Setting up a better ‘Lab’ – Kaizen-R.com new home

Just too many hours…

Alright, so I have this miniPC with 16 threads, and for the past weeks I was looking at my MacBook M1 screen while waiting for 7 parallel processes to run instead of using that alternative machine… And because I was testing different configurations and doing a sort-a Monte-Carlo, whereby I would run 50 times each configuration (to compare accuracy with RF, Rpart and now also a simple NeuralNet), but each complicated config I would use for RLCS would take 40s-1m20s, times 50, well…

16 threads in the mini-PC that are slower each than my 8 cores on the MacBook, yes, but it’s also a complete separate environment and so I can let it run basically unsupervised and come back only to check the results…

Working on Compatibility

So recently, I setup my package with a dependency that was… A bit too harsh.

Namely, I added a resource that required R 4.5, and that in turn had an impact on RTools, plus re-installing everything (devtools, etc.).

It’s not awful, because that forced me to update like… Everything, on my work laptop. My personal Mac was already up-to-speed, so no problem there.

But do I really want to push any candidate user to upgrade to the very latest? Maybe not. So I edited the dependency to require R4.4 instead (4.4.2 if I recall correctly).

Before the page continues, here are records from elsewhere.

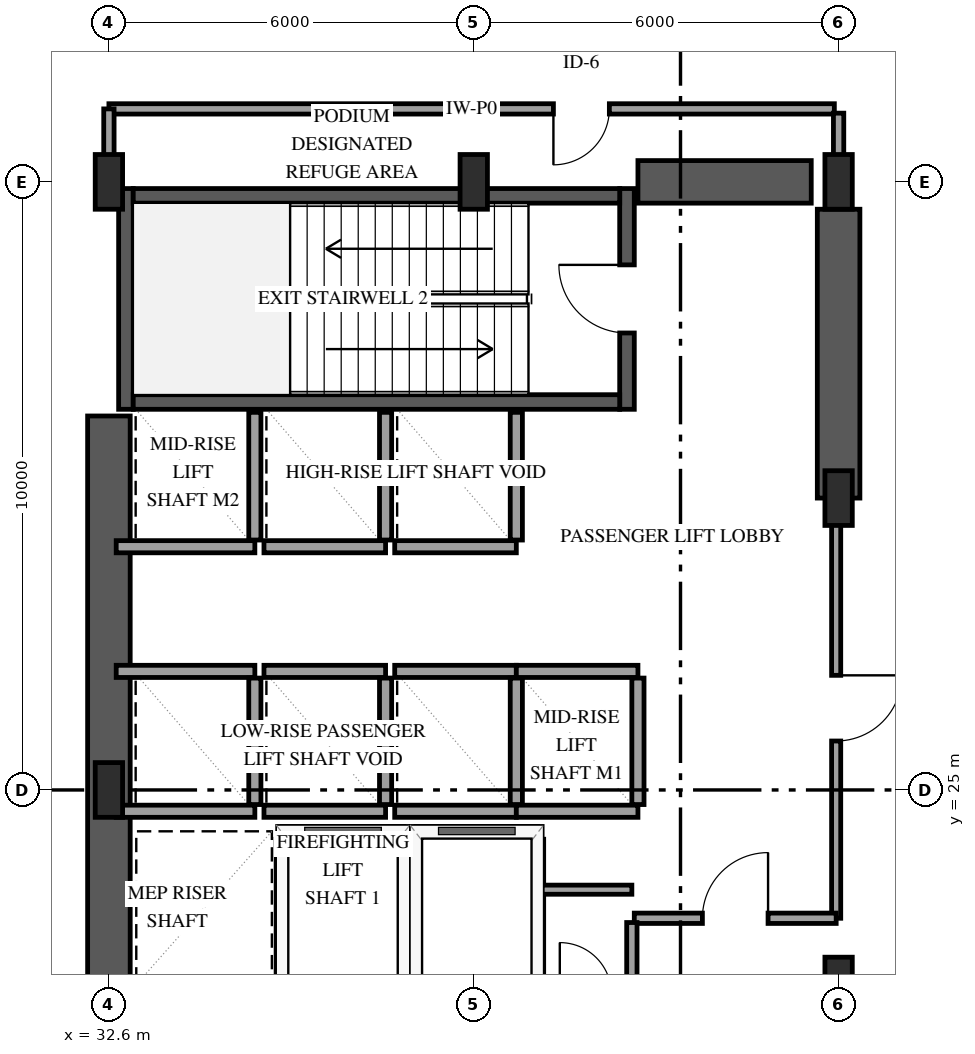
"""IFC4 building model, lengths in metres.
Left out: names, types, materials, properties, quantities, classifications, styles, units other than length and angle.
Written with IfcOpenShell. Run it as: python <this file> out.ifc"""

import sys

from ifc_helpers import new_model, si_unit, direction, frame, frame_2d, origin, origin_2d, place, context, subcontext, project, spatial, rectangle, extrude, element, fill, save


model = new_model("IFC4")
c1 = context("Model", 3, precision=1e-05, world=origin(), true_north=direction((0.0, 1.0)))
c2 = subcontext(c1, "Body", "Model", "MODEL_VIEW")
j1 = project(units=[si_unit("LENGTHUNIT", "METRE"), si_unit("PLANEANGLEUNIT", "RADIAN")], contexts=[c1])
p1 = place(None, origin())
s1 = spatial("IfcSite", under=j1, at=p1, CompositionType="ELEMENT")
p2 = place(p1, origin())
s2 = spatial("IfcBuilding", under=s1, at=p2, CompositionType="ELEMENT")
p3 = place(p2, frame((0.0, 0.0, 25.2)))
s3 = spatial("IfcBuildingStorey", under=s2, at=p3, CompositionType="ELEMENT", Elevation=25.2)
p4 = place(p3, frame((32.88, 31.26, 0.0), z_axis=(0.0, 0.0, 1.0), x_axis=(0.0, 1.0, 0.0)))
e1 = element("IfcWall", 1, at=p4, inside=s3, PredefinedType="SHEAR", context=c2, shape_type="SweptSolid", body=[
    extrude(rectangle(XDim=3.63, YDim=0.24, at=frame_2d((1.815, 0.0))), origin(), (0.0, 0.0, 1.0), 5.4),
])
p5 = place(p3, frame((41.12, 31.26, 0.0), z_axis=(0.0, 0.0, 1.0), x_axis=(0.0, 1.0, 0.0)))
e2 = element("IfcWall", 2, at=p5, inside=s3, PredefinedType="SHEAR", context=c2, shape_type="SweptSolid", body=[
    extrude(rectangle(XDim=3.63, YDim=0.24, at=frame_2d((1.815, 0.0))), origin(), (0.0, 0.0, 1.0), 5.4),
])
p6 = place(p5, frame((1.255, 0.0, 0.0)))
e3 = element("IfcOpeningElement", 3, at=p6, cuts=e2, PredefinedType="OPENING", context=c2, shape_type="SweptSolid", body=[
    extrude(rectangle(XDim=1.12, YDim=2.15, at=frame_2d((0.56, 1.075))), frame((0.0, 0.13, 0.0), z_axis=(0.0, -1.0, 0.0), x_axis=(1.0, 0.0, 0.0)), (0.0, 0.0, 1.0), 0.26),
])
for number, where, z_axis, x_axis in (
    (4, (33.0, 31.38, 0.0), (0.0, 0.0, 1.0), (1.0, 0.0, 0.0)),
    (5, (33.0, 34.77, 0.0), (0.0, 0.0, 1.0), (1.0, 0.0, 0.0)),
):
    element("IfcWall", number, at=place(p3, frame(where, z_axis=z_axis, x_axis=x_axis)), inside=s3, PredefinedType="SHEAR", context=c2, shape_type="SweptSolid", body=[
        extrude(rectangle(XDim=8.0, YDim=0.24, at=frame_2d((4.0, 0.0))), origin(), (0.0, 0.0, 1.0), 5.4),
    ])
p7 = place(p3, frame((32.6, 18.85, 0.0), z_axis=(0.0, 0.0, 1.0), x_axis=(0.0, 1.0, 0.0)))
e6 = element("IfcWall", 6, at=p7, inside=s3, PredefinedType="SHEAR", context=c2, shape_type="SweptSolid", body=[
    extrude(rectangle(XDim=12.3, YDim=0.7, at=frame_2d((6.15, 0.0))), origin(), (0.0, 0.0, 1.0), 5.4),
])
p8 = place(p3, frame((41.3, 35.0, 0.0), z_axis=(0.0, 0.0, 1.0), x_axis=(1.0, 0.0, 0.0)))
e7 = element("IfcWall", 7, at=p8, inside=s3, PredefinedType="SHEAR", context=c2, shape_type="SweptSolid", body=[
    extrude(rectangle(XDim=2.85, YDim=0.7, at=frame_2d((1.425, 0.0))), origin(), (0.0, 0.0, 1.0), 5.4),
])
p9 = place(p3, frame((44.6, 29.8, 0.0), z_axis=(0.0, 0.0, 1.0), x_axis=(0.0, 1.0, 0.0)))
e8 = element("IfcWall", 8, at=p9, inside=s3, PredefinedType="SHEAR", context=c2, shape_type="SweptSolid", body=[
    extrude(rectangle(XDim=4.75, YDim=0.7, at=frame_2d((2.375, 0.0))), origin(), (0.0, 0.0, 1.0), 5.4),
])
for number, where, z_axis, x_axis in (
    (9, (32.6, 25.0, 0.0), (0.0, 0.0, 1.0), (1.0, 0.0, 0.0)),
    (10, (32.6, 35.0, 0.0), (0.0, 0.0, 1.0), (1.0, 0.0, 0.0)),
    (11, (38.6, 35.0, 0.0), (0.0, 0.0, 1.0), (1.0, 0.0, 0.0)),
    (12, (44.6, 21.8, 0.0), (0.0, 0.0, 1.0), (1.0, 0.0, 0.0)),
    (13, (44.6, 29.8, 0.0), (0.0, 0.0, 1.0), (1.0, 0.0, 0.0)),
    (14, (44.6, 35.0, 0.0), (0.0, 0.0, 1.0), (1.0, 0.0, 0.0)),
):
    element("IfcColumn", number, at=place(p3, frame(where, z_axis=z_axis, x_axis=x_axis)), inside=s3, PredefinedType="PILASTER", context=c2, shape_type="SweptSolid", body=[
        extrude(rectangle(XDim=0.45, YDim=0.9, at=origin_2d()), origin(), (0.0, 0.0, 1.0), 5.1),
    ])
p10 = place(p3, frame((35.45, 24.3, 0.0), z_axis=(0.0, 0.0, 1.0), x_axis=(1.0, 0.0, 0.0)))
e15 = element("IfcWall", 15, at=p10, inside=s3, PredefinedType="SOLIDWALL", context=c2, shape_type="SweptSolid", body=[
    extrude(rectangle(XDim=2.0, YDim=0.2, at=frame_2d((1.0, 0.0))), origin(), (0.0, 0.0, 1.0), 5.1),
])
for number, where, z_axis, x_axis in (
    (16, (35.45, 21.81, 0.0), (0.0, 0.0, 1.0), (0.0, 1.0, 0.0)),
    (17, (37.45, 21.81, 0.0), (0.0, 0.0, 1.0), (0.0, 1.0, 0.0)),
):
    element("IfcWall", number, at=place(p3, frame(where, z_axis=z_axis, x_axis=x_axis)), inside=s3, PredefinedType="SOLIDWALL", context=c2, shape_type="SweptSolid", body=[
        extrude(rectangle(XDim=2.38, YDim=0.2, at=frame_2d((1.19, 0.0))), origin(), (0.0, 0.0, 1.0), 5.1),
    ])
p11 = place(p3, frame((37.65, 24.3, 0.0), z_axis=(0.0, 0.0, 1.0), x_axis=(1.0, 0.0, 0.0)))
e18 = element("IfcWall", 18, at=p11, inside=s3, PredefinedType="SOLIDWALL", context=c2, shape_type="SweptSolid", body=[
    extrude(rectangle(XDim=2.0, YDim=0.2, at=frame_2d((1.0, 0.0))), origin(), (0.0, 0.0, 1.0), 5.1),
])
p12 = place(p3, frame((39.65, 21.81, 0.0), z_axis=(0.0, 0.0, 1.0), x_axis=(0.0, 1.0, 0.0)))
e19 = element("IfcWall", 19, at=p12, inside=s3, PredefinedType="SOLIDWALL", context=c2, shape_type="SweptSolid", body=[
    extrude(rectangle(XDim=2.38, YDim=0.2, at=frame_2d((1.19, 0.0))), origin(), (0.0, 0.0, 1.0), 5.1),
])
for number, where, z_axis, x_axis in (
    (20, (32.72, 24.65, 0.0), (0.0, 0.0, 1.0), (1.0, 0.0, 0.0)),
    (21, (32.72, 26.95, 0.0), (0.0, 0.0, 1.0), (1.0, 0.0, 0.0)),
):
    element("IfcWall", number, at=place(p3, frame(where, z_axis=z_axis, x_axis=x_axis)), inside=s3, PredefinedType="SOLIDWALL", context=c2, shape_type="SweptSolid", body=[
        extrude(rectangle(XDim=2.28, YDim=0.2, at=frame_2d((1.14, 0.0))), origin(), (0.0, 0.0, 1.0), 5.1),
    ])
p13 = place(p3, frame((35.0, 24.76, 0.0), z_axis=(0.0, 0.0, 1.0), x_axis=(0.0, 1.0, 0.0)))
e22 = element("IfcWall", 22, at=p13, inside=s3, PredefinedType="SOLIDWALL", context=c2, shape_type="SweptSolid", body=[
    extrude(rectangle(XDim=2.08, YDim=0.2, at=frame_2d((1.04, 0.0))), origin(), (0.0, 0.0, 1.0), 5.1),
])
for number, where, z_axis, x_axis in (
    (23, (35.15, 24.65, 0.0), (0.0, 0.0, 1.0), (1.0, 0.0, 0.0)),
    (24, (35.15, 26.95, 0.0), (0.0, 0.0, 1.0), (1.0, 0.0, 0.0)),
):
    element("IfcWall", number, at=place(p3, frame(where, z_axis=z_axis, x_axis=x_axis)), inside=s3, PredefinedType="SOLIDWALL", context=c2, shape_type="SweptSolid", body=[
        extrude(rectangle(XDim=2.0, YDim=0.2, at=frame_2d((1.0, 0.0))), origin(), (0.0, 0.0, 1.0), 5.1),
    ])
p14 = place(p3, frame((37.15, 24.76, 0.0), z_axis=(0.0, 0.0, 1.0), x_axis=(0.0, 1.0, 0.0)))
e25 = element("IfcWall", 25, at=p14, inside=s3, PredefinedType="SOLIDWALL", context=c2, shape_type="SweptSolid", body=[
    extrude(rectangle(XDim=2.08, YDim=0.2, at=frame_2d((1.04, 0.0))), origin(), (0.0, 0.0, 1.0), 5.1),
])
for number, where, z_axis, x_axis in (
    (26, (37.3, 24.65, 0.0), (0.0, 0.0, 1.0), (1.0, 0.0, 0.0)),
    (27, (37.3, 26.95, 0.0), (0.0, 0.0, 1.0), (1.0, 0.0, 0.0)),
):
    element("IfcWall", number, at=place(p3, frame(where, z_axis=z_axis, x_axis=x_axis)), inside=s3, PredefinedType="SOLIDWALL", context=c2, shape_type="SweptSolid", body=[
        extrude(rectangle(XDim=2.0, YDim=0.2, at=frame_2d((1.0, 0.0))), origin(), (0.0, 0.0, 1.0), 5.1),
    ])
p15 = place(p3, frame((39.3, 24.76, 0.0), z_axis=(0.0, 0.0, 1.0), x_axis=(0.0, 1.0, 0.0)))
e28 = element("IfcWall", 28, at=p15, inside=s3, PredefinedType="SOLIDWALL", context=c2, shape_type="SweptSolid", body=[
    extrude(rectangle(XDim=2.08, YDim=0.2, at=frame_2d((1.04, 0.0))), origin(), (0.0, 0.0, 1.0), 5.1),
])
for number, where, z_axis, x_axis in (
    (29, (39.3, 24.65, 0.0), (0.0, 0.0, 1.0), (1.0, 0.0, 0.0)),
    (30, (39.3, 26.95, 0.0), (0.0, 0.0, 1.0), (1.0, 0.0, 0.0)),
):
    element("IfcWall", number, at=place(p3, frame(where, z_axis=z_axis, x_axis=x_axis)), inside=s3, PredefinedType="SOLIDWALL", context=c2, shape_type="SweptSolid", body=[
        extrude(rectangle(XDim=2.0, YDim=0.2, at=frame_2d((1.0, 0.0))), origin(), (0.0, 0.0, 1.0), 5.1),
    ])
p16 = place(p3, frame((41.3, 24.76, 0.0), z_axis=(0.0, 0.0, 1.0), x_axis=(0.0, 1.0, 0.0)))
e31 = element("IfcWall", 31, at=p16, inside=s3, PredefinedType="SOLIDWALL", context=c2, shape_type="SweptSolid", body=[
    extrude(rectangle(XDim=2.08, YDim=0.2, at=frame_2d((1.04, 0.0))), origin(), (0.0, 0.0, 1.0), 5.1),
])
p17 = place(p3, frame((32.72, 29.0, 0.0), z_axis=(0.0, 0.0, 1.0), x_axis=(1.0, 0.0, 0.0)))
e32 = element("IfcWall", 32, at=p17, inside=s3, PredefinedType="SOLIDWALL", context=c2, shape_type="SweptSolid", body=[
    extrude(rectangle(XDim=2.28, YDim=0.2, at=frame_2d((1.14, 0.0))), origin(), (0.0, 0.0, 1.0), 5.1),
])
p18 = place(p3, frame((35.0, 29.11, 0.0), z_axis=(0.0, 0.0, 1.0), x_axis=(0.0, 1.0, 0.0)))
e33 = element("IfcWall", 33, at=p18, inside=s3, PredefinedType="SOLIDWALL", context=c2, shape_type="SweptSolid", body=[
    extrude(rectangle(XDim=2.1, YDim=0.2, at=frame_2d((1.05, 0.0))), origin(), (0.0, 0.0, 1.0), 5.1),
])
p19 = place(p3, frame((35.15, 29.0, 0.0), z_axis=(0.0, 0.0, 1.0), x_axis=(1.0, 0.0, 0.0)))
e34 = element("IfcWall", 34, at=p19, inside=s3, PredefinedType="SOLIDWALL", context=c2, shape_type="SweptSolid", body=[
    extrude(rectangle(XDim=2.0, YDim=0.2, at=frame_2d((1.0, 0.0))), origin(), (0.0, 0.0, 1.0), 5.1),
])
p20 = place(p3, frame((37.15, 29.11, 0.0), z_axis=(0.0, 0.0, 1.0), x_axis=(0.0, 1.0, 0.0)))
e35 = element("IfcWall", 35, at=p20, inside=s3, PredefinedType="SOLIDWALL", context=c2, shape_type="SweptSolid", body=[
    extrude(rectangle(XDim=2.1, YDim=0.2, at=frame_2d((1.05, 0.0))), origin(), (0.0, 0.0, 1.0), 5.1),
])
p21 = place(p3, frame((37.3, 29.0, 0.0), z_axis=(0.0, 0.0, 1.0), x_axis=(1.0, 0.0, 0.0)))
e36 = element("IfcWall", 36, at=p21, inside=s3, PredefinedType="SOLIDWALL", context=c2, shape_type="SweptSolid", body=[
    extrude(rectangle(XDim=2.0, YDim=0.2, at=frame_2d((1.0, 0.0))), origin(), (0.0, 0.0, 1.0), 5.1),
])
p22 = place(p3, frame((39.3, 29.11, 0.0), z_axis=(0.0, 0.0, 1.0), x_axis=(0.0, 1.0, 0.0)))
e37 = element("IfcWall", 37, at=p22, inside=s3, PredefinedType="SOLIDWALL", context=c2, shape_type="SweptSolid", body=[
    extrude(rectangle(XDim=2.1, YDim=0.2, at=frame_2d((1.05, 0.0))), origin(), (0.0, 0.0, 1.0), 5.1),
])
p23 = place(p3, frame((44.53, 36.2, 0.0), z_axis=(0.0, 0.0, 1.0), x_axis=(-1.0, 0.0, 0.0)))
e38 = element("IfcWall", 38, at=p23, inside=s3, PredefinedType="PARTITIONING", context=c2, shape_type="SweptSolid", body=[
    extrude(rectangle(XDim=11.93, YDim=0.17, at=frame_2d((5.965, 0.0))), origin(), (0.0, 0.0, 1.0), 5.1),
])
p24 = place(p23, frame((3.7, 0.0, 0.0)))
e39 = element("IfcOpeningElement", 39, at=p24, cuts=e38, PredefinedType="OPENING", context=c2, shape_type="SweptSolid", body=[
    extrude(rectangle(XDim=0.92, YDim=2.12, at=frame_2d((0.46, 1.06))), frame((0.0, 0.095, 0.0), z_axis=(0.0, -1.0, 0.0), x_axis=(1.0, 0.0, 0.0)), (0.0, 0.0, 1.0), 0.19),
])
p25 = place(p3, frame((44.56, 29.8, 0.0), z_axis=(0.0, 0.0, 1.0), x_axis=(0.0, -1.0, 0.0)))
e40 = element("IfcWall", 40, at=p25, inside=s3, PredefinedType="PARTITIONING", context=c2, shape_type="SweptSolid", body=[
    extrude(rectangle(XDim=6.91, YDim=0.15, at=frame_2d((3.455, 0.0))), origin(), (0.0, 0.0, 1.0), 4.14),
])
p26 = place(p25, frame((2.915, 0.0, 0.0)))
e41 = element("IfcOpeningElement", 41, at=p26, cuts=e40, PredefinedType="OPENING", context=c2, shape_type="SweptSolid", body=[
    extrude(rectangle(XDim=1.08, YDim=2.15, at=frame_2d((0.54, 1.075))), frame((0.0, 0.085, 0.0), z_axis=(0.0, -1.0, 0.0), x_axis=(1.0, 0.0, 0.0)), (0.0, 0.0, 1.0), 0.17),
])
p27 = place(p3, frame((41.24, 22.89, 0.0), z_axis=(0.0, 0.0, 1.0), x_axis=(1.0, 0.0, 0.0)))
e42 = element("IfcWall", 42, at=p27, inside=s3, PredefinedType="PARTITIONING", context=c2, shape_type="SweptSolid", body=[
    extrude(rectangle(XDim=3.32, YDim=0.17, at=frame_2d((1.66, 0.0))), origin(), (0.0, 0.0, 1.0), 5.1),
])
p28 = place(p27, frame((1.12, 0.0, 0.0)))
e43 = element("IfcOpeningElement", 43, at=p28, cuts=e42, PredefinedType="OPENING", context=c2, shape_type="SweptSolid", body=[
    extrude(rectangle(XDim=1.08, YDim=2.15, at=frame_2d((0.54, 1.075))), frame((0.0, 0.095, 0.0), z_axis=(0.0, -1.0, 0.0), x_axis=(1.0, 0.0, 0.0)), (0.0, 0.0, 1.0), 0.19),
])
p29 = place(p3, frame((32.6, 36.2, 0.0), z_axis=(0.0, 0.0, 1.0), x_axis=(0.0, -1.0, 0.0)))
e44 = element("IfcWall", 44, at=p29, inside=s3, PredefinedType="PARTITIONING", context=c2, shape_type="SweptSolid", body=[
    extrude(rectangle(XDim=1.13, YDim=0.17, at=frame_2d((0.565, 0.0))), origin(), (0.0, 0.0, 1.0), 4.222),
])
p30 = place(p3, frame((41.2, 21.7, 0.0), z_axis=(0.0, 0.0, 1.0), x_axis=(0.0, 1.0, 0.0)))
e45 = element("IfcWall", 45, at=p30, inside=s3, PredefinedType="PARTITIONING", context=c2, shape_type="SweptSolid", body=[
    extrude(rectangle(XDim=1.12, YDim=0.17, at=frame_2d((0.56, 0.0))), origin(), (0.0, 0.0, 1.0), 5.1),
])
p31 = place(p3, frame((44.6, 35.07, 0.0), z_axis=(0.0, 0.0, 1.0), x_axis=(0.0, 1.0, 0.0)))
e46 = element("IfcWall", 46, at=p31, inside=s3, PredefinedType="PARTITIONING", context=c2, shape_type="SweptSolid", body=[
    extrude(rectangle(XDim=1.06, YDim=0.17, at=frame_2d((0.53, 0.0))), origin(), (0.0, 0.0, 1.0), 4.222),
])
p32 = place(p3, frame((41.2, 23.36, 0.0), z_axis=(0.0, 0.0, 1.0), x_axis=(-1.0, 0.0, 0.0)))
e47 = element("IfcWall", 47, at=p32, inside=s3, PredefinedType="PARTITIONING", context=c2, shape_type="SweptSolid", body=[
    extrude(rectangle(XDim=1.48, YDim=0.15, at=frame_2d((0.74, 0.0))), origin(), (0.0, 0.0, 1.0), 5.1),
])
p33 = place(p6, origin())
e48 = element("IfcDoor", 48, at=p33, inside=s3, OperationType="SINGLE_SWING_RIGHT", PredefinedType="DOOR", context=c2, shape_type="SweptSolid", body=[
    extrude(rectangle(XDim=1.12, YDim=2.15, at=frame_2d((0.56, 1.075))), frame((0.0, 0.025, 0.0), z_axis=(0.0, -1.0, 0.0), x_axis=(1.0, 0.0, 0.0)), (0.0, 0.0, 1.0), 0.05),
])
fill(e3, e48)
p34 = place(p24, origin())
e49 = element("IfcDoor", 49, at=p34, inside=s3, OperationType="SINGLE_SWING_RIGHT", PredefinedType="DOOR", context=c2, shape_type="SweptSolid", body=[
    extrude(rectangle(XDim=0.92, YDim=2.12, at=frame_2d((0.46, 1.06))), frame((0.0, 0.025, 0.0), z_axis=(0.0, -1.0, 0.0), x_axis=(1.0, 0.0, 0.0)), (0.0, 0.0, 1.0), 0.05),
])
fill(e39, e49)
p35 = place(p26, origin())
e50 = element("IfcDoor", 50, at=p35, inside=s3, OperationType="SINGLE_SWING_LEFT", PredefinedType="DOOR", context=c2, shape_type="SweptSolid", body=[
    extrude(rectangle(XDim=1.08, YDim=2.15, at=frame_2d((0.54, 1.075))), frame((0.0, 0.025, 0.0), z_axis=(0.0, -1.0, 0.0), x_axis=(1.0, 0.0, 0.0)), (0.0, 0.0, 1.0), 0.05),
])
fill(e41, e50)
p36 = place(p28, origin())
e51 = element("IfcDoor", 51, at=p36, inside=s3, OperationType="SINGLE_SWING_RIGHT", PredefinedType="DOOR", context=c2, shape_type="SweptSolid", body=[
    extrude(rectangle(XDim=1.08, YDim=2.15, at=frame_2d((0.54, 1.075))), frame((0.0, 0.025, 0.0), z_axis=(0.0, -1.0, 0.0), x_axis=(1.0, 0.0, 0.0)), (0.0, 0.0, 1.0), 0.05),
])
fill(e43, e51)
save(model, sys.argv[1])

And so I’m setting up the lab in THAT version. That way I have 3 running environments to test my package, in fact: 2 Windows, with different versions of R, and my Mac, where I do the coding.

And now, setting things up…

The “new” lab

The miniPC has been sitting idle mostly since my MSc project, where I used {plumbeR} to distribute workload to simulate epidemic processes on networks, and there again, I was doing Monte-Carlo stuff. It was cool, it was multi-PC AND multi-core/PC; with it and my Mac, I would run 6+14 simulations at the same time. (And what can I say, I love that!). Even then, I would have them run for hours…

Anyway. But that was all on Docker. This time around, I want instead to make sure I reproduce what most people will have to test the package, so namely, RStudio on Windows, with a recent but not latest R version (4.4.2 in that case).

And well, thankfully, that works:

Going parallel

So next, of course, I want to see how good it can be to have 16 threads (8 cores, but that’s less relevant here):

Next up

I was working on more tricks for parallel processing, so I’ll have to share the new version of the code to test those, and then I’ll be able to let the (not-so-new but separate) machine run, while I keep coding and writing with the MacBook.

Which will give some relief to the poor MacBook, from running hours in multi-CPU… without a fan.

Conclusions

Maybe it’s overkill. Maybe not. This is giving me a new validation environment, for one, and allowing me to separate long-running tests of several configurations (hyper-parameter tuning for an LCS can be a bother) while I actually keep working.